Synthesis and formation mechanisms of nanocomposite WC–MgO powders by high-energy reactive milling

Abstract

The nanocomposite WC–MgO powders were prepared at room temperature by reactive milling of low-cost WO 3, Mg and graphite powders under argon gas atmosphere in a planetary ball milling. Powder samples were characterized by X-ray diffraction (XRD) and transmission electron microscopy (TEM). The milling energy was calculated using a collision model and the milling energy maps were attained. The effects of milling parameters (including milling speed, ball-to-powder weight ratio and milling time) on the formation mechanism have been illuminated by the obtained milling energy maps.
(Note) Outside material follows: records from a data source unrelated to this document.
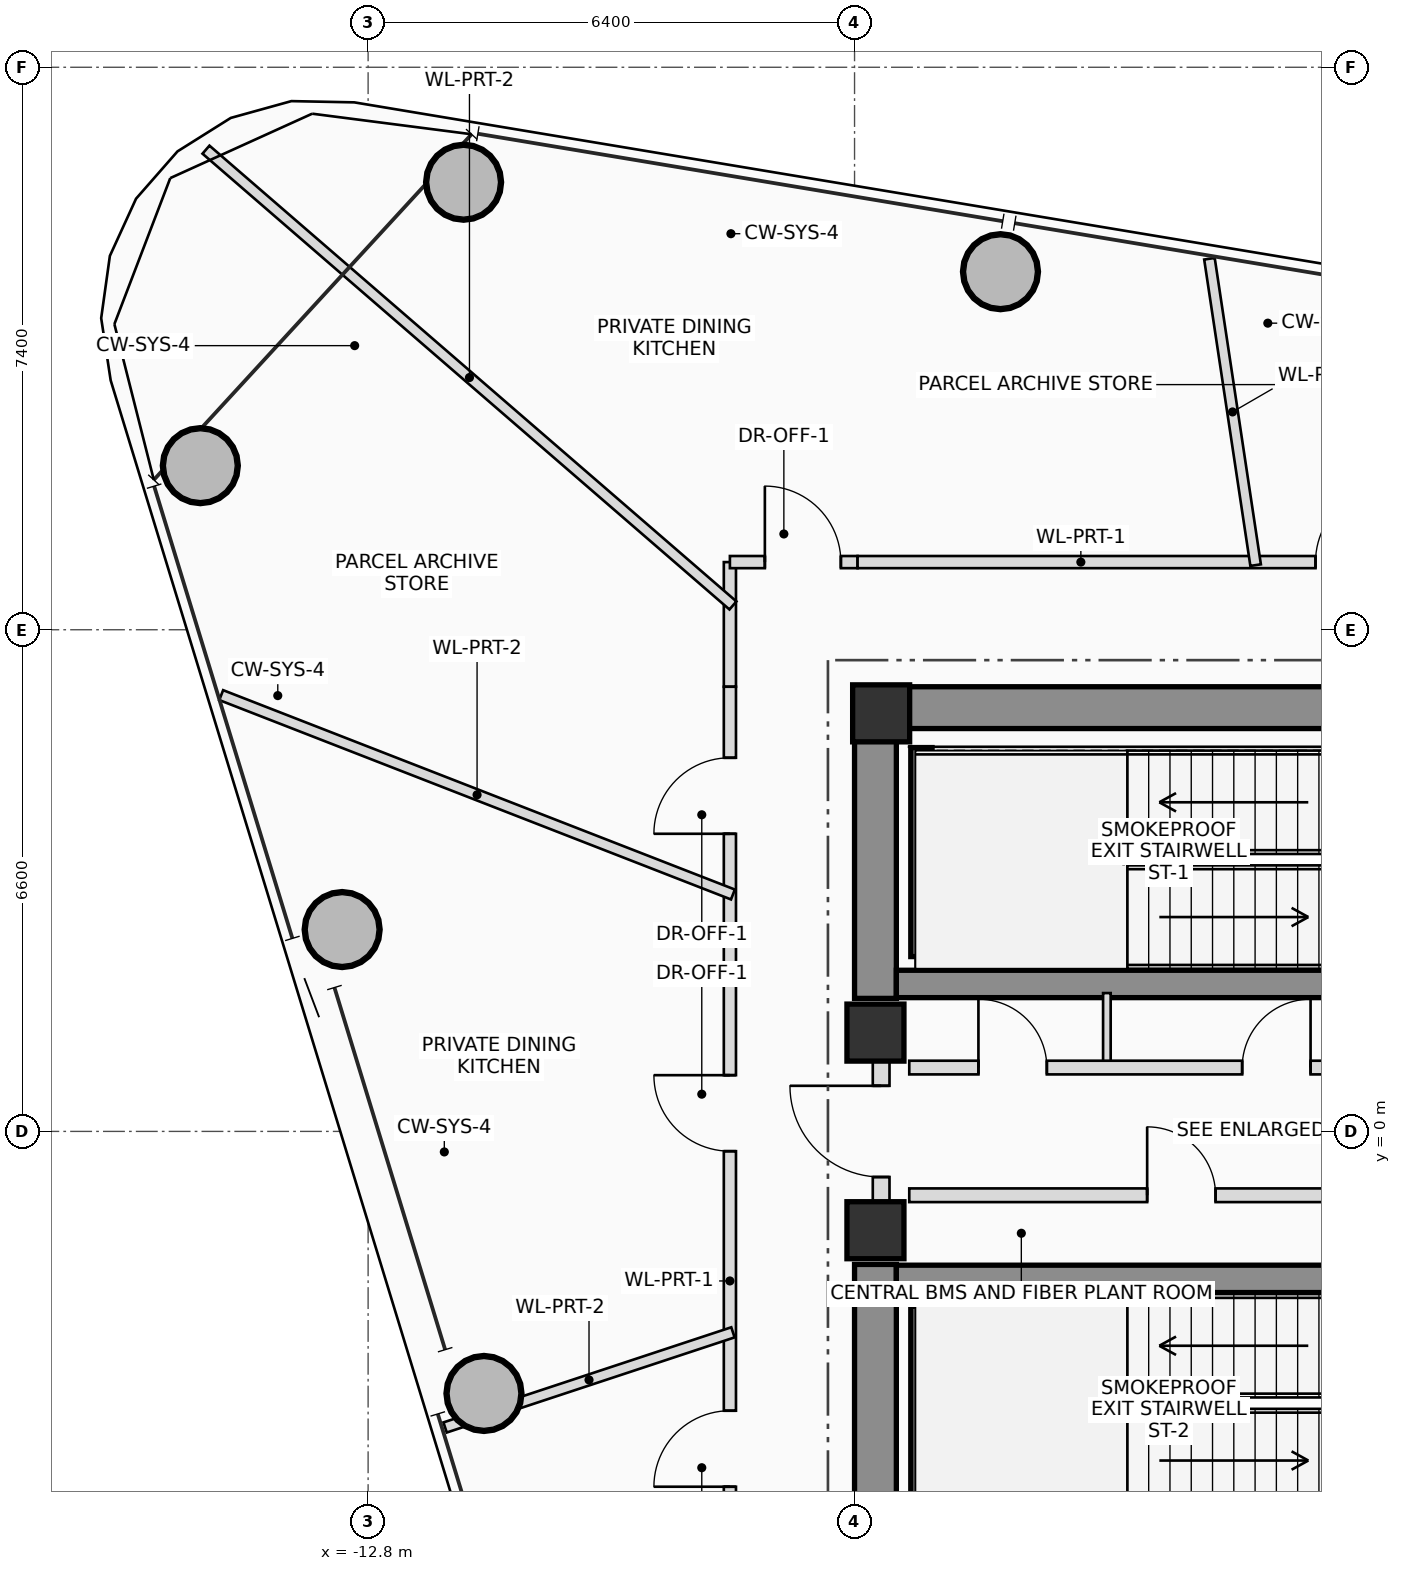
"""IFC4 building model, lengths in metres.
Left out: names, types, materials, properties, quantities, classifications, styles, units other than length and angle.
Written with IfcOpenShell. Run it as: python <this file> out.ifc"""

import sys

from ifc_helpers import new_model, si_unit, direction, frame, frame_2d, origin, origin_2d, place, context, subcontext, project, spatial, rectangle, hollow_circle, extrude, source, transform, mapped, element, fill, save


model = new_model("IFC4")
c1 = context("Model", 3, precision=1e-05, world=origin(), true_north=direction((0.0, 1.0)))
c2 = subcontext(c1, "Body", "Model", "MODEL_VIEW")
j1 = project(units=[si_unit("LENGTHUNIT", "METRE"), si_unit("PLANEANGLEUNIT", "RADIAN")], contexts=[c1])
p1 = place(None, origin())
s1 = spatial("IfcSite", under=j1, at=p1, CompositionType="ELEMENT")
p2 = place(p1, origin())
s2 = spatial("IfcBuilding", under=s1, at=p2, CompositionType="ELEMENT")
p3 = place(p2, frame((0.0, 0.0, 238.85)))
s3 = spatial("IfcBuildingStorey", under=s2, at=p3, CompositionType="ELEMENT", Elevation=238.85)
m1 = source(origin(), c2, "Body", "SweptSolid", [
    extrude(rectangle(XDim=0.75, YDim=0.75, at=origin_2d()), origin(), (0.0, 0.0, 1.0), 3.4),
])
p4 = place(p3, frame((-6.05, 5.5, 0.0), z_axis=(0.0, 0.0, 1.0), x_axis=(1.0, 0.0, 0.0)))
e1 = element("IfcColumn", 1, at=p4, inside=s3, PredefinedType="COLUMN", context=c2, shape_type="MappedRepresentation", body=[
    mapped(m1, transform((0.0, 0.0, 0.0), scale=1.0)),
])
p5 = place(p3, frame((-6.4, 5.575, 0.0), z_axis=(0.0, 0.0, 1.0), x_axis=(1.0, 0.0, 0.0)))
e2 = element("IfcWall", 2, at=p5, inside=s3, PredefinedType="SHEAR", context=c2, shape_type="SweptSolid", body=[
    extrude(rectangle(XDim=12.8, YDim=0.55, at=frame_2d((6.4, 0.0))), origin(), (0.0, 0.0, 1.0), 3.4),
])
p6 = place(p5, frame((8.6, 0.0, 0.0)))
e3 = element("IfcOpeningElement", 3, at=p6, cuts=e2, PredefinedType="OPENING", context=c2, shape_type="SweptSolid", body=[
    extrude(rectangle(XDim=1.2, YDim=2.2, at=frame_2d((0.6, 1.1))), frame((0.0, 0.285, 0.0), z_axis=(0.0, -1.0, 0.0), x_axis=(1.0, 0.0, 0.0)), (0.0, 0.0, 1.0), 0.57),
])
for number, where, z_axis, x_axis in (
    (4, (-6.125, -5.3, 0.0), (0.0, 0.0, 1.0), (0.0, 1.0, 0.0)),
    (5, (-6.125, 1.75, 0.0), (0.0, 0.0, 1.0), (0.0, 1.0, 0.0)),
):
    element("IfcWall", number, at=place(p3, frame(where, z_axis=z_axis, x_axis=x_axis)), inside=s3, PredefinedType="SHEAR", context=c2, shape_type="SweptSolid", body=[
        extrude(rectangle(XDim=3.55, YDim=0.55, at=frame_2d((1.775, 0.0))), origin(), (0.0, 0.0, 1.0), 3.4),
    ])
for number, where, z_axis, x_axis in (
    (6, (-5.85, 1.94, 0.0), (0.0, 0.0, 1.0), (1.0, 0.0, 0.0)),
    (7, (-5.85, -1.94, 0.0), (0.0, 0.0, 1.0), (1.0, 0.0, 0.0)),
):
    element("IfcWall", number, at=place(p3, frame(where, z_axis=z_axis, x_axis=x_axis)), inside=s3, PredefinedType="SHEAR", context=c2, shape_type="SweptSolid", body=[
        extrude(rectangle(XDim=11.7, YDim=0.36, at=frame_2d((5.85, 0.0))), origin(), (0.0, 0.0, 1.0), 3.4),
    ])
for number, where, z_axis, x_axis in (
    (8, (-5.52, 2.3, 0.0), (0.0, 0.0, 1.0), (0.0, 1.0, 0.0)),
    (9, (-5.52, -5.05, 0.0), (0.0, 0.0, 1.0), (0.0, 1.0, 0.0)),
):
    element("IfcWall", number, at=place(p3, frame(where, z_axis=z_axis, x_axis=x_axis)), inside=s3, PredefinedType="SHEAR", context=c2, shape_type="SweptSolid", body=[
        extrude(rectangle(XDim=2.75, YDim=0.28, at=frame_2d((1.375, 0.0))), origin(), (0.0, 0.0, 1.0), 3.4),
    ])
for number, where, z_axis, x_axis in (
    (10, (-6.125, -1.3, 0.0), (0.0, 0.0, 1.0), (1.0, 0.0, 0.0)),
    (11, (-6.125, 1.3, 0.0), (0.0, 0.0, 1.0), (1.0, 0.0, 0.0)),
):
    element("IfcColumn", number, at=place(p3, frame(where, z_axis=z_axis, x_axis=x_axis)), inside=s3, PredefinedType="COLUMN", context=c2, shape_type="MappedRepresentation", body=[
        mapped(m1, transform((0.0, 0.0, 0.0), scale=1.0)),
    ])
m2 = source(origin(), c2, "Body", "SweptSolid", [
    extrude(hollow_circle(Radius=0.5, WallThickness=0.04, at=origin_2d()), origin(), (0.0, 0.0, 1.0), 3.4),
])
for number, where, z_axis, x_axis in (
    (12, (-4.48, 11.311, 0.0), (0.0, 0.0, 1.0), (1.0, 0.0, 0.0)),
    (13, (-11.544, 12.488, 0.0), (0.0, 0.0, 1.0), (1.0, 0.0, 0.0)),
    (14, (-15.008, 8.759, 0.0), (0.0, 0.0, 1.0), (1.0, 0.0, 0.0)),
    (15, (-13.142, 2.656, 0.0), (0.0, 0.0, 1.0), (1.0, 0.0, 0.0)),
    (16, (-11.276, -3.448, 0.0), (0.0, 0.0, 1.0), (1.0, 0.0, 0.0)),
):
    element("IfcColumn", number, at=place(p3, frame(where, z_axis=z_axis, x_axis=x_axis)), inside=s3, PredefinedType="COLUMN", context=c2, shape_type="MappedRepresentation", body=[
        mapped(m2, transform((0.0, 0.0, 0.0), scale=1.0)),
    ])
p7 = place(p3, frame((-6.05, -0.95, 0.0), z_axis=(0.0, 0.0, 1.0), x_axis=(0.0, 1.0, 0.0)))
e17 = element("IfcWall", 17, at=p7, inside=s3, PredefinedType="PLUMBINGWALL", context=c2, shape_type="SweptSolid", body=[
    extrude(rectangle(XDim=1.9, YDim=0.22, at=frame_2d((0.95, 0.0))), origin(), (0.0, 0.0, 1.0), 2.18),
])
p8 = place(p7, frame((0.35, 0.0, 0.0)))
e18 = element("IfcOpeningElement", 18, at=p8, cuts=e17, PredefinedType="OPENING", context=c2, shape_type="SweptSolid", body=[
    extrude(rectangle(XDim=1.2, YDim=2.2, at=frame_2d((0.6, 1.1))), frame((0.0, 0.12, 0.0), z_axis=(0.0, -1.0, 0.0), x_axis=(1.0, 0.0, 0.0)), (0.0, 0.0, 1.0), 0.24),
])
p9 = place(p3, frame((-3.08, 0.84, 0.0), z_axis=(0.0, 0.0, 1.0), x_axis=(0.0, 1.0, 0.0)))
e19 = element("IfcWall", 19, at=p9, inside=s3, PredefinedType="PARTITIONING", context=c2, shape_type="SweptSolid", body=[
    extrude(rectangle(XDim=0.98, YDim=0.1, at=frame_2d((0.49, 0.0))), origin(), (0.0, 0.0, 1.0), 3.2),
])
p10 = place(p3, frame((-5.68, 0.84, 0.0), z_axis=(0.0, 0.0, 1.0), x_axis=(1.0, 0.0, 0.0)))
e20 = element("IfcWall", 20, at=p10, inside=s3, PredefinedType="PLUMBINGWALL", context=c2, shape_type="SweptSolid", body=[
    extrude(rectangle(XDim=10.26, YDim=0.18, at=frame_2d((5.13, 0.0))), origin(), (0.0, 0.0, 1.0), 3.2),
])
p11 = place(p10, frame((0.91, 0.0, 0.0)))
e21 = element("IfcOpeningElement", 21, at=p11, cuts=e20, PredefinedType="OPENING", context=c2, shape_type="SweptSolid", body=[
    extrude(rectangle(XDim=0.9, YDim=2.05, at=frame_2d((0.45, 1.025))), frame((0.0, 0.1, 0.0), z_axis=(0.0, -1.0, 0.0), x_axis=(1.0, 0.0, 0.0)), (0.0, 0.0, 1.0), 0.2),
])
p12 = place(p10, frame((4.38, 0.0, 0.0)))
e22 = element("IfcOpeningElement", 22, at=p12, cuts=e20, PredefinedType="OPENING", context=c2, shape_type="SweptSolid", body=[
    extrude(rectangle(XDim=0.9, YDim=2.05, at=frame_2d((0.45, 1.025))), frame((0.0, 0.1, 0.0), z_axis=(0.0, -1.0, 0.0), x_axis=(1.0, 0.0, 0.0)), (0.0, 0.0, 1.0), 0.2),
])
p13 = place(p10, frame((7.33, 0.0, 0.0)))
e23 = element("IfcOpeningElement", 23, at=p13, cuts=e20, PredefinedType="OPENING", context=c2, shape_type="SweptSolid", body=[
    extrude(rectangle(XDim=1.1, YDim=2.2, at=frame_2d((0.55, 1.1))), frame((0.0, 0.1, 0.0), z_axis=(0.0, -1.0, 0.0), x_axis=(1.0, 0.0, 0.0)), (0.0, 0.0, 1.0), 0.2),
])
p14 = place(p10, frame((8.83, 0.0, 0.0)))
e24 = element("IfcOpeningElement", 24, at=p14, cuts=e20, PredefinedType="OPENING", context=c2, shape_type="SweptSolid", body=[
    extrude(rectangle(XDim=1.1, YDim=2.2, at=frame_2d((0.55, 1.1))), frame((0.0, 0.1, 0.0), z_axis=(0.0, -1.0, 0.0), x_axis=(1.0, 0.0, 0.0)), (0.0, 0.0, 1.0), 0.2),
])
p15 = place(p3, frame((-5.68, -0.84, 0.0), z_axis=(0.0, 0.0, 1.0), x_axis=(1.0, 0.0, 0.0)))
e25 = element("IfcWall", 25, at=p15, inside=s3, PredefinedType="PLUMBINGWALL", context=c2, shape_type="SweptSolid", body=[
    extrude(rectangle(XDim=8.7, YDim=0.18, at=frame_2d((4.35, 0.0))), origin(), (0.0, 0.0, 1.0), 3.2),
])
p16 = place(p15, frame((3.13, 0.0, 0.0)))
e26 = element("IfcOpeningElement", 26, at=p16, cuts=e25, PredefinedType="OPENING", context=c2, shape_type="SweptSolid", body=[
    extrude(rectangle(XDim=0.9, YDim=2.05, at=frame_2d((0.45, 1.025))), frame((0.0, 0.1, 0.0), z_axis=(0.0, -1.0, 0.0), x_axis=(1.0, 0.0, 0.0)), (0.0, 0.0, 1.0), 0.2),
])
p17 = place(p15, frame((7.33, 0.0, 0.0)))
e27 = element("IfcOpeningElement", 27, at=p17, cuts=e25, PredefinedType="OPENING", context=c2, shape_type="SweptSolid", body=[
    extrude(rectangle(XDim=1.1, YDim=2.2, at=frame_2d((0.55, 1.1))), frame((0.0, 0.1, 0.0), z_axis=(0.0, -1.0, 0.0), x_axis=(1.0, 0.0, 0.0)), (0.0, 0.0, 1.0), 0.2),
])
p18 = place(p3, frame((-8.04, 5.85, 0.0), z_axis=(0.0, 0.0, 1.0), x_axis=(0.0, 1.0, 0.0)))
e28 = element("IfcWall", 28, at=p18, inside=s3, PredefinedType="PARTITIONING", context=c2, shape_type="SweptSolid", body=[
    extrude(rectangle(XDim=1.64, YDim=0.16, at=frame_2d((0.82, 0.0))), origin(), (0.0, 0.0, 1.0), 2.605),
])
p19 = place(p3, frame((-8.04, 7.49, 0.0), z_axis=(0.0, 0.0, 1.0), x_axis=(1.0, 0.0, 0.0)))
e29 = element("IfcWall", 29, at=p19, inside=s3, PredefinedType="PARTITIONING", context=c2, shape_type="SweptSolid", body=[
    extrude(rectangle(XDim=1.68, YDim=0.16, at=frame_2d((0.84, 0.0))), origin(), (0.0, 0.0, 1.0), 2.605),
])
p20 = place(p19, frame((0.46, 0.0, 0.0)))
e30 = element("IfcOpeningElement", 30, at=p20, cuts=e29, PredefinedType="OPENING", context=c2, shape_type="SweptSolid", body=[
    extrude(rectangle(XDim=1.0, YDim=2.25, at=frame_2d((0.5, 1.125))), frame((0.0, 0.09, 0.0), z_axis=(0.0, -1.0, 0.0), x_axis=(1.0, 0.0, 0.0)), (0.0, 0.0, 1.0), 0.18),
])
p21 = place(p3, frame((-6.36, 7.49, 0.0), z_axis=(0.0, 0.0, 1.0), x_axis=(1.0, 0.0, 0.0)))
e31 = element("IfcWall", 31, at=p21, inside=s3, PredefinedType="PARTITIONING", context=c2, shape_type="SweptSolid", body=[
    extrude(rectangle(XDim=9.81, YDim=0.16, at=frame_2d((4.905, 0.0))), origin(), (0.0, 0.0, 1.0), 2.605),
])
p22 = place(p21, frame((6.025, 0.0, 0.0)))
e32 = element("IfcOpeningElement", 32, at=p22, cuts=e31, PredefinedType="OPENING", context=c2, shape_type="SweptSolid", body=[
    extrude(rectangle(XDim=1.0, YDim=2.25, at=frame_2d((0.5, 1.125))), frame((0.0, 0.09, 0.0), z_axis=(0.0, -1.0, 0.0), x_axis=(1.0, 0.0, 0.0)), (0.0, 0.0, 1.0), 0.18),
])
p23 = place(p21, frame((8.487, 0.0, 0.0)))
e33 = element("IfcOpeningElement", 33, at=p23, cuts=e31, PredefinedType="OPENING", context=c2, shape_type="SweptSolid", body=[
    extrude(rectangle(XDim=1.0, YDim=2.25, at=frame_2d((0.5, 1.125))), frame((0.0, 0.09, 0.0), z_axis=(0.0, -1.0, 0.0), x_axis=(1.0, 0.0, 0.0)), (0.0, 0.0, 1.0), 0.18),
])
p24 = place(p3, frame((-8.04, -5.85, 0.0), z_axis=(0.0, 0.0, 1.0), x_axis=(0.0, 1.0, 0.0)))
e34 = element("IfcWall", 34, at=p24, inside=s3, PredefinedType="PARTITIONING", context=c2, shape_type="SweptSolid", body=[
    extrude(rectangle(XDim=11.7, YDim=0.16, at=frame_2d((5.85, 0.0))), origin(), (0.0, 0.0, 1.0), 2.605),
])
p25 = place(p24, frame((1.175, 0.0, 0.0)))
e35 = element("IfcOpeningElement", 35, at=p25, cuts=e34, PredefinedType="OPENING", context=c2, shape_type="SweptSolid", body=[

Results show that WC–MgO can be formed via Self-propagation High-temperature Synthesis (SHS) when the effective extensive factor E b is above 38.24 kJ g −1 s −1, and it also can be formed from gradual reaction when E b is between 22.12 kJ g −1 s −1 and 38.24 kJ g −1 s −1. As the energy map demonstrates, the total energy E t required for fabricating WC–MgO through SHS ranges from 25.61 × 10 6 kJ g −1 to 61.82 × 10 6 kJ g −1, while more than 112.83 × 10 6 kJ g −1 is necessary for gradual reaction one. These milling energy maps are proposed as a tool for better understanding of the synthesis and formation of WC–MgO by high-energy reactive milling.